Shields Green, Abolitionist born

Shields Green

*Shields Green's birth is celebrated on this date, c. 1836. He was a Black escaped slave and abolitionist

Green, who referred to himself as "'Emperor," was from Charleston, South Carolina. After his escape, he lived in Frederick Douglass's house in Rochester, New York. It was there that Douglass introduced him to John Brown.   

Green participated in the raid on Harpers Ferry. Although Green survived the raid un-wounded, like Brown and the five other captured participants, Green was quickly tried, convicted, and executed by hanging in his case on December 16, 1859. All the trials and executions occurred in Charles Town, West Virginia, Jefferson County.

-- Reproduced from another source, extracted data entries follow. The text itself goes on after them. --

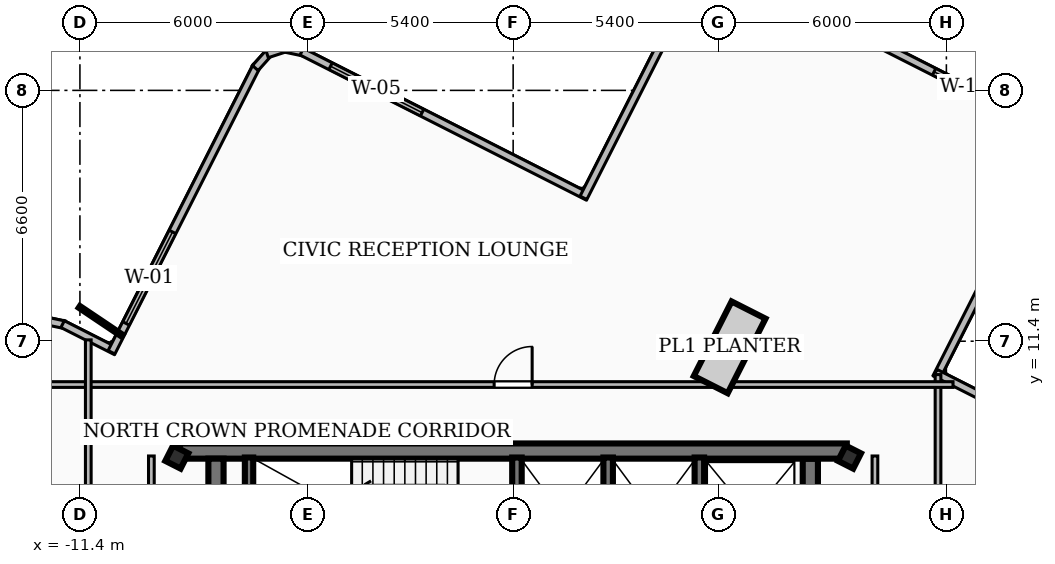
"""IFC4 building model, lengths in metres.
Left out: names, types, materials, properties, quantities, classifications, styles, units other than length and angle.
Written with IfcOpenShell. Run it as: python <this file> out.ifc"""

import sys

from ifc_helpers import new_model, si_unit, direction, frame, frame_2d, origin, origin_2d, place, context, subcontext, project, spatial, rectangle, hollow_rectangle, extrude, element, fill, save


model = new_model("IFC4")
c1 = context("Model", 3, precision=1e-05, world=origin(), true_north=direction((0.0, 1.0)))
c2 = subcontext(c1, "Body", "Model", "MODEL_VIEW")
j1 = project(units=[si_unit("LENGTHUNIT", "METRE"), si_unit("PLANEANGLEUNIT", "RADIAN")], contexts=[c1])
p1 = place(None, origin())
s1 = spatial("IfcSite", under=j1, at=p1, CompositionType="ELEMENT")
p2 = place(p1, origin())
s2 = spatial("IfcBuilding", under=s1, at=p2, CompositionType="ELEMENT")
p3 = place(p2, frame((0.0, 0.0, 289.26)))
s3 = spatial("IfcBuildingStorey", under=s2, at=p3, CompositionType="ELEMENT", Elevation=289.26)
p4 = place(p3, frame((-8.78, 8.51, 0.0), z_axis=(0.0, 0.0, 1.0), x_axis=(1.0, 0.0, 0.0)))
e1 = element("IfcWall", 1, at=p4, inside=s3, PredefinedType="SHEAR", context=c2, shape_type="SweptSolid", body=[
    extrude(rectangle(XDim=17.56, YDim=0.4, at=frame_2d((8.78, 0.0))), origin(), (0.0, 0.0, 1.0), 3.84),
])
for number, where, z_axis, x_axis in (
    (2, (-7.82, 1.95, 0.0), (0.0, 0.0, 1.0), (0.0, 1.0, 0.0)),
    (3, (7.82, 8.31, 0.0), (0.0, 0.0, 1.0), (0.0, -1.0, 0.0)),
):
    element("IfcWall", number, at=place(p3, frame(where, z_axis=z_axis, x_axis=x_axis)), inside=s3, PredefinedType="SHEAR", context=c2, shape_type="SweptSolid", body=[
        extrude(rectangle(XDim=6.36, YDim=0.4, at=frame_2d((3.18, 0.0))), origin(), (0.0, 0.0, 1.0), 3.84),
    ])
p5 = place(p3, frame((-6.95, 5.28, 0.0), z_axis=(0.0, 0.0, 1.0), x_axis=(0.0, 1.0, 0.0)))
e4 = element("IfcWall", 4, at=p5, inside=s3, PredefinedType="SOLIDWALL", context=c2, shape_type="SweptSolid", body=[
    extrude(rectangle(XDim=3.06, YDim=0.22, at=frame_2d((1.53, 0.0))), origin(), (0.0, 0.0, 1.0), 3.84),
])
for number, where, z_axis, x_axis in (
    (5, (0.1, 5.3, 0.0), (0.0, 0.0, 1.0), (0.0, 1.0, 0.0)),
    (6, (2.5, 5.3, 0.0), (0.0, 0.0, 1.0), (0.0, 1.0, 0.0)),
    (7, (4.9, 5.3, 0.0), (0.0, 0.0, 1.0), (0.0, 1.0, 0.0)),
):
    element("IfcWall", number, at=place(p3, frame(where, z_axis=z_axis, x_axis=x_axis)), inside=s3, PredefinedType="SOLIDWALL", context=c2, shape_type="SweptSolid", body=[
        extrude(rectangle(XDim=3.04, YDim=0.25, at=frame_2d((1.52, 0.0))), origin(), (0.0, 0.0, 1.0), 3.84),
    ])
for number, where, z_axis, x_axis in (
    (8, (-8.85, 8.35, 0.0), (0.0, 0.0, 1.0), (0.452, 0.892, 0.0)),
    (9, (8.85, 8.35, 0.0), (0.0, 0.0, 1.0), (0.452, 0.892, 0.0)),
):
    element("IfcColumn", number, at=place(p3, frame(where, z_axis=z_axis, x_axis=x_axis)), inside=s3, PredefinedType="COLUMN", context=c2, shape_type="SweptSolid", body=[
        extrude(hollow_rectangle(XDim=0.45, YDim=0.45, WallThickness=0.022, at=origin_2d()), origin(), (0.0, 0.0, 1.0), 4.14),
    ])
p6 = place(p3, frame((-12.324, 11.942, 0.0), z_axis=(0.0, 0.0, 1.0), x_axis=(0.978736488985, -0.20512163496, 0.0)))
e10 = element("IfcWall", 10, at=p6, inside=s3, PredefinedType="SOLIDWALL", context=c2, shape_type="SweptSolid", body=[
    extrude(rectangle(XDim=0.526, YDim=0.2, at=frame_2d((0.263, 0.0))), origin(), (0.0, 0.0, 1.0), 3.84),
])
p7 = place(p3, frame((-11.855, 11.85, 0.0), z_axis=(0.0, 0.0, 1.0), x_axis=(0.891975264725, -0.452084203572, 0.0)))
e11 = element("IfcWall", 11, at=p7, inside=s3, PredefinedType="SOLIDWALL", context=c2, shape_type="SweptSolid", body=[
    extrude(rectangle(XDim=1.562, YDim=0.2, at=frame_2d((0.781, 0.0))), origin(), (0.0, 0.0, 1.0), 3.84),
])
p8 = place(p3, frame((-10.569, 11.109, 0.0), z_axis=(0.0, 0.0, 1.0), x_axis=(0.452141134176, 0.891946408024, 0.0)))
e12 = element("IfcWall", 12, at=p8, inside=s3, PredefinedType="SOLIDWALL", context=c2, shape_type="SweptSolid", body=[
    extrude(rectangle(XDim=8.431, YDim=0.2, at=frame_2d((4.215, 0.0))), origin(), (0.0, 0.0, 1.0), 3.84),
])
p9 = place(p8, frame((0.85, 0.0, 0.85)))
e13 = element("IfcOpeningElement", 13, at=p9, cuts=e12, PredefinedType="OPENING", context=c2, shape_type="SweptSolid", body=[
    extrude(rectangle(XDim=2.7, YDim=2.1, at=frame_2d((1.35, 1.05))), frame((0.0, 0.11, 0.0), z_axis=(0.0, -1.0, 0.0), x_axis=(1.0, 0.0, 0.0)), (0.0, 0.0, 1.0), 0.22),
])
p10 = place(p3, frame((-6.785, 18.588, 0.0), z_axis=(0.0, 0.0, 1.0), x_axis=(0.665997400104, 0.745954062295, 0.0)))
e14 = element("IfcWall", 14, at=p10, inside=s3, PredefinedType="SOLIDWALL", context=c2, shape_type="SweptSolid", body=[
    extrude(rectangle(XDim=0.528, YDim=0.2, at=frame_2d((0.264, 0.0))), origin(), (0.0, 0.0, 1.0), 3.84),
])
p11 = place(p3, frame((-6.474, 18.955, 0.0), z_axis=(0.0, 0.0, 1.0), x_axis=(0.950471064968, 0.310813054196, 0.0)))
e15 = element("IfcWall", 15, at=p11, inside=s3, PredefinedType="SOLIDWALL", context=c2, shape_type="SweptSolid", body=[
    extrude(rectangle(XDim=0.514, YDim=0.2, at=frame_2d((0.257, 0.0))), origin(), (0.0, 0.0, 1.0), 3.84),
])
p12 = place(p3, frame((-6.033, 19.112, 0.0), z_axis=(0.0, 0.0, 1.0), x_axis=(0.978721450967, -0.205193375664, 0.0)))
e16 = element("IfcWall", 16, at=p12, inside=s3, PredefinedType="SOLIDWALL", context=c2, shape_type="SweptSolid", body=[
    extrude(rectangle(XDim=0.527, YDim=0.2, at=frame_2d((0.264, 0.0))), origin(), (0.0, 0.0, 1.0), 3.84),
])
p13 = place(p3, frame((-5.563, 19.02, 0.0), z_axis=(0.0, 0.0, 1.0), x_axis=(0.891946408024, -0.452141134176, 0.0)))
e17 = element("IfcWall", 17, at=p13, inside=s3, PredefinedType="SOLIDWALL", context=c2, shape_type="SweptSolid", body=[
    extrude(rectangle(XDim=8.431, YDim=0.2, at=frame_2d((4.215, 0.0))), origin(), (0.0, 0.0, 1.0), 3.84),
])
p14 = place(p13, frame((0.85, 0.0, 0.85)))
e18 = element("IfcOpeningElement", 18, at=p14, cuts=e17, PredefinedType="OPENING", context=c2, shape_type="SweptSolid", body=[
    extrude(rectangle(XDim=2.7, YDim=1.85, at=frame_2d((1.35, 0.925))), frame((0.0, 0.11, 0.0), z_axis=(0.0, -1.0, 0.0), x_axis=(1.0, 0.0, 0.0)), (0.0, 0.0, 1.0), 0.22),
])
p15 = place(p3, frame((1.85, 15.173, 0.0), z_axis=(0.0, 0.0, 1.0), x_axis=(0.452151126281, 0.891941342804, 0.0)))
e19 = element("IfcWall", 19, at=p15, inside=s3, PredefinedType="SOLIDWALL", context=c2, shape_type="SweptSolid", body=[
    extrude(rectangle(XDim=6.241, YDim=0.2, at=frame_2d((3.121, 0.0))), origin(), (0.0, 0.0, 1.0), 3.84),
])
p16 = place(p3, frame((5.866, 21.131, 0.0), z_axis=(0.0, 0.0, 1.0), x_axis=(0.89192763746, -0.452178161276, 0.0)))
e20 = element("IfcWall", 20, at=p16, inside=s3, PredefinedType="SOLIDWALL", context=c2, shape_type="SweptSolid", body=[
    extrude(rectangle(XDim=8.643, YDim=0.2, at=frame_2d((4.322, 0.0))), origin(), (0.0, 0.0, 1.0), 3.84),
])
p17 = place(p16, frame((5.842, 0.0, 0.85)))
e21 = element("IfcOpeningElement", 21, at=p17, cuts=e20, PredefinedType="OPENING", context=c2, shape_type="SweptSolid", body=[
    extrude(rectangle(XDim=1.8, YDim=1.6, at=frame_2d((0.9, 0.8))), frame((0.0, 0.11, 0.0), z_axis=(0.0, -1.0, 0.0), x_axis=(1.0, 0.0, 0.0)), (0.0, 0.0, 1.0), 0.22),
])
p18 = place(p3, frame((13.966, 16.029, 0.0), z_axis=(0.0, 0.0, 1.0), x_axis=(-0.452135351256, -0.891949339449, 0.0)))
e22 = element("IfcWall", 22, at=p18, inside=s3, PredefinedType="SOLIDWALL", context=c2, shape_type="SweptSolid", body=[
    extrude(rectangle(XDim=6.241, YDim=0.2, at=frame_2d((3.121, 0.0))), origin(), (0.0, 0.0, 1.0), 3.84),
])
p19 = place(p3, frame((11.109, 10.569, 0.0), z_axis=(0.0, 0.0, 1.0), x_axis=(0.891946408024, -0.452141134176, 0.0)))
e23 = element("IfcWall", 23, at=p19, inside=s3, PredefinedType="SOLIDWALL", context=c2, shape_type="SweptSolid", body=[
    extrude(rectangle(XDim=8.431, YDim=0.2, at=frame_2d((4.215, 0.0))), origin(), (0.0, 0.0, 1.0), 3.84),
])
p20 = place(p19, frame((1.35, 0.0, 0.85)))
e24 = element("IfcOpeningElement", 24, at=p20, cuts=e23, PredefinedType="OPENING", context=c2, shape_type="SweptSolid", body=[
    extrude(rectangle(XDim=2.7, YDim=1.85, at=frame_2d((1.35, 0.925))), frame((0.0, 0.11, 0.0), z_axis=(0.0, -1.0, 0.0), x_axis=(1.0, 0.0, 0.0)), (0.0, 0.0, 1.0), 0.22),
])
p21 = place(p3, frame((-9.52, 1.75, 0.0), z_axis=(0.0, 0.0, 1.0), x_axis=(0.0, 1.0, 0.0)))
e25 = element("IfcWall", 25, at=p21, inside=s3, PredefinedType="PARTITIONING", context=c2, shape_type="SweptSolid", body=[
    extrude(rectangle(XDim=6.63, YDim=0.15, at=frame_2d((3.315, 0.0))), origin(), (0.0, 0.0, 1.0), 3.21),
])
p22 = place(p3, frame((9.52, 1.75, 0.0), z_axis=(0.0, 0.0, 1.0), x_axis=(0.0, 1.0, 0.0)))
e26 = element("IfcWall", 26, at=p22, inside=s3, PredefinedType="PARTITIONING", context=c2, shape_type="SweptSolid", body=[
    extrude(rectangle(XDim=6.63, YDim=0.15, at=frame_2d((3.315, 0.0))), origin(), (0.0, 0.0, 1.0), 3.84),
])
p23 = place(p3, frame((11.18, 10.522, 0.0), z_axis=(0.0, 0.0, 1.0), x_axis=(0.0, -1.0, 0.0)))
e27 = element("IfcWall", 27, at=p23, inside=s3, PredefinedType="PARTITIONING", context=c2, shape_type="SweptSolid", body=[
    extrude(rectangle(XDim=21.957, YDim=0.15, at=frame_2d((10.979, 0.0))), origin(), (0.0, 0.0, 1.0), 3.84),
])
p24 = place(p23, frame((10.022, 0.0, 0.0)))
e28 = element("IfcOpeningElement", 28, at=p24, cuts=e27, PredefinedType="OPENING", context=c2, shape_type="SweptSolid", body=[
    extrude(rectangle(XDim=1.0, YDim=2.1, at=frame_2d((0.5, 1.05))), frame((0.0, 0.085, 0.0), z_axis=(0.0, -1.0, 0.0), x_axis=(1.0, 0.0, 0.0)), (0.0, 0.0, 1.0), 0.17),
])
p25 = place(p3, frame((-13.584, 10.26, 0.0), z_axis=(0.0, 0.0, 1.0), x_axis=(1.0, 0.0, 0.0)))
e29 = element("IfcWall", 29, at=p25, inside=s3, PredefinedType="PARTITIONING", context=c2, shape_type="SweptSolid", body=[
    extrude(rectangle(XDim=25.159, YDim=0.15, at=frame_2d((12.58, 0.0))), origin(), (0.0, 0.0, 1.0), 3.21),
])
p26 = place(p25, frame((13.084, 0.0, 0.0)))
e30 = element("IfcOpeningElement", 30, at=p26, cuts=e29, PredefinedType="OPENING", context=c2, shape_type="SweptSolid", body=[
    extrude(rectangle(XDim=1.0, YDim=2.1, at=frame_2d((0.5, 1.05))), frame((0.0, 0.085, 0.0), z_axis=(0.0, -1.0, 0.0), x_axis=(1.0, 0.0, 0.0)), (0.0, 0.0, 1.0), 0.17),
])
p27 = place(p3, frame((-11.18, -10.568, 0.0), z_axis=(0.0, 0.0, 1.0), x_axis=(0.0, 1.0, 0.0)))
e31 = element("IfcWall", 31, at=p27, inside=s3, PredefinedType="PARTITIONING", context=c2, shape_type="SweptSolid", body=[
    extrude(rectangle(XDim=22.003, YDim=0.15, at=frame_2d((11.001, 0.0))), origin(), (0.0, 0.0, 1.0), 3.84),
])
p28 = place(p27, frame((8.468, 0.0, 0.0)))
e32 = element("IfcOpeningElement", 32, at=p28, cuts=e31, PredefinedType="OPENING", context=c2, shape_type="SweptSolid", body=[
    extrude(rectangle(XDim=1.0, YDim=2.1, at=frame_2d((0.5, 1.05))), frame((0.0, 0.085, 0.0), z_axis=(0.0, -1.0, 0.0), x_axis=(1.0, 0.0, 0.0)), (0.0, 0.0, 1.0), 0.17),
])
p29 = place(p9, origin())
e33 = element("IfcWindow", 33, at=p29, inside=s3, PartitioningType="SINGLE_PANEL", PredefinedType="WINDOW", context=c2, shape_type="SweptSolid", body=[
    extrude(rectangle(XDim=2.7, YDim=2.1, at=frame_2d((1.35, 1.05))), frame((0.0, 0.03, 0.0), z_axis=(0.0, -1.0, 0.0), x_axis=(1.0, 0.0, 0.0)), (0.0, 0.0, 1.0), 0.06),
])
fill(e13, e33)
p30 = place(p14, origin())
e34 = element("IfcWindow", 34, at=p30, inside=s3, PartitioningType="SINGLE_PANEL", PredefinedType="WINDOW", context=c2, shape_type="SweptSolid", body=[
    extrude(rectangle(XDim=2.7, YDim=1.85, at=frame_2d((1.35, 0.925))), frame((0.0, 0.03, 0.0), z_axis=(0.0, -1.0, 0.0), x_axis=(1.0, 0.0, 0.0)), (0.0, 0.0, 1.0), 0.06),
])
fill(e18, e34)
p31 = place(p17, origin())
e35 = element("IfcWindow", 35, at=p31, inside=s3, PartitioningType="SINGLE_PANEL", PredefinedType="WINDOW", context=c2, shape_type="SweptSolid", body=[
    extrude(rectangle(XDim=1.8, YDim=1.6, at=frame_2d((0.9, 0.8))), frame((0.0, 0.03, 0.0), z_axis=(0.0, -1.0, 0.0), x_axis=(1.0, 0.0, 0.0)), (0.0, 0.0, 1.0), 0.06),
])
fill(e21, e35)
p32 = place(p26, origin())
e36 = element("IfcDoor", 36, at=p32, inside=s3, OperationType="SINGLE_SWING_RIGHT", PredefinedType="DOOR", context=c2, shape_type="SweptSolid", body=[
    extrude(rectangle(XDim=1.0, YDim=2.1, at=frame_2d((0.5, 1.05))), frame((0.0, 0.025, 0.0), z_axis=(0.0, -1.0, 0.0), x_axis=(1.0, 0.0, 0.0)), (0.0, 0.0, 1.0), 0.05),
])
fill(e30, e36)
save(model, sys.argv[1])

At John Brown's execution two weeks prior, very few spectators were permitted for security reasons. At the others, there were 1,600 spectators. At the time, legal as well as illegal hangings were entertainment.  

In an article on courageous Negroes who revolted, he is mentioned alongside Douglass and Haitian hero Jean-Jacques Dessalines.  In Silas X. Floyd's Floyd's Flowers or Duty and Beauty for Colored Children, Green is a black hero like Crispus Attucks, Toussaint l'Ouverture, or Benjamin Banneker.  Floyd calls him a martyr. Green was the only one from the raid on Harpers Ferry that Frederick Douglass mentioned alongside iconic rebels Nat Turner and Denmark Vesey; Douglass "eulogized [him] with rare sadness."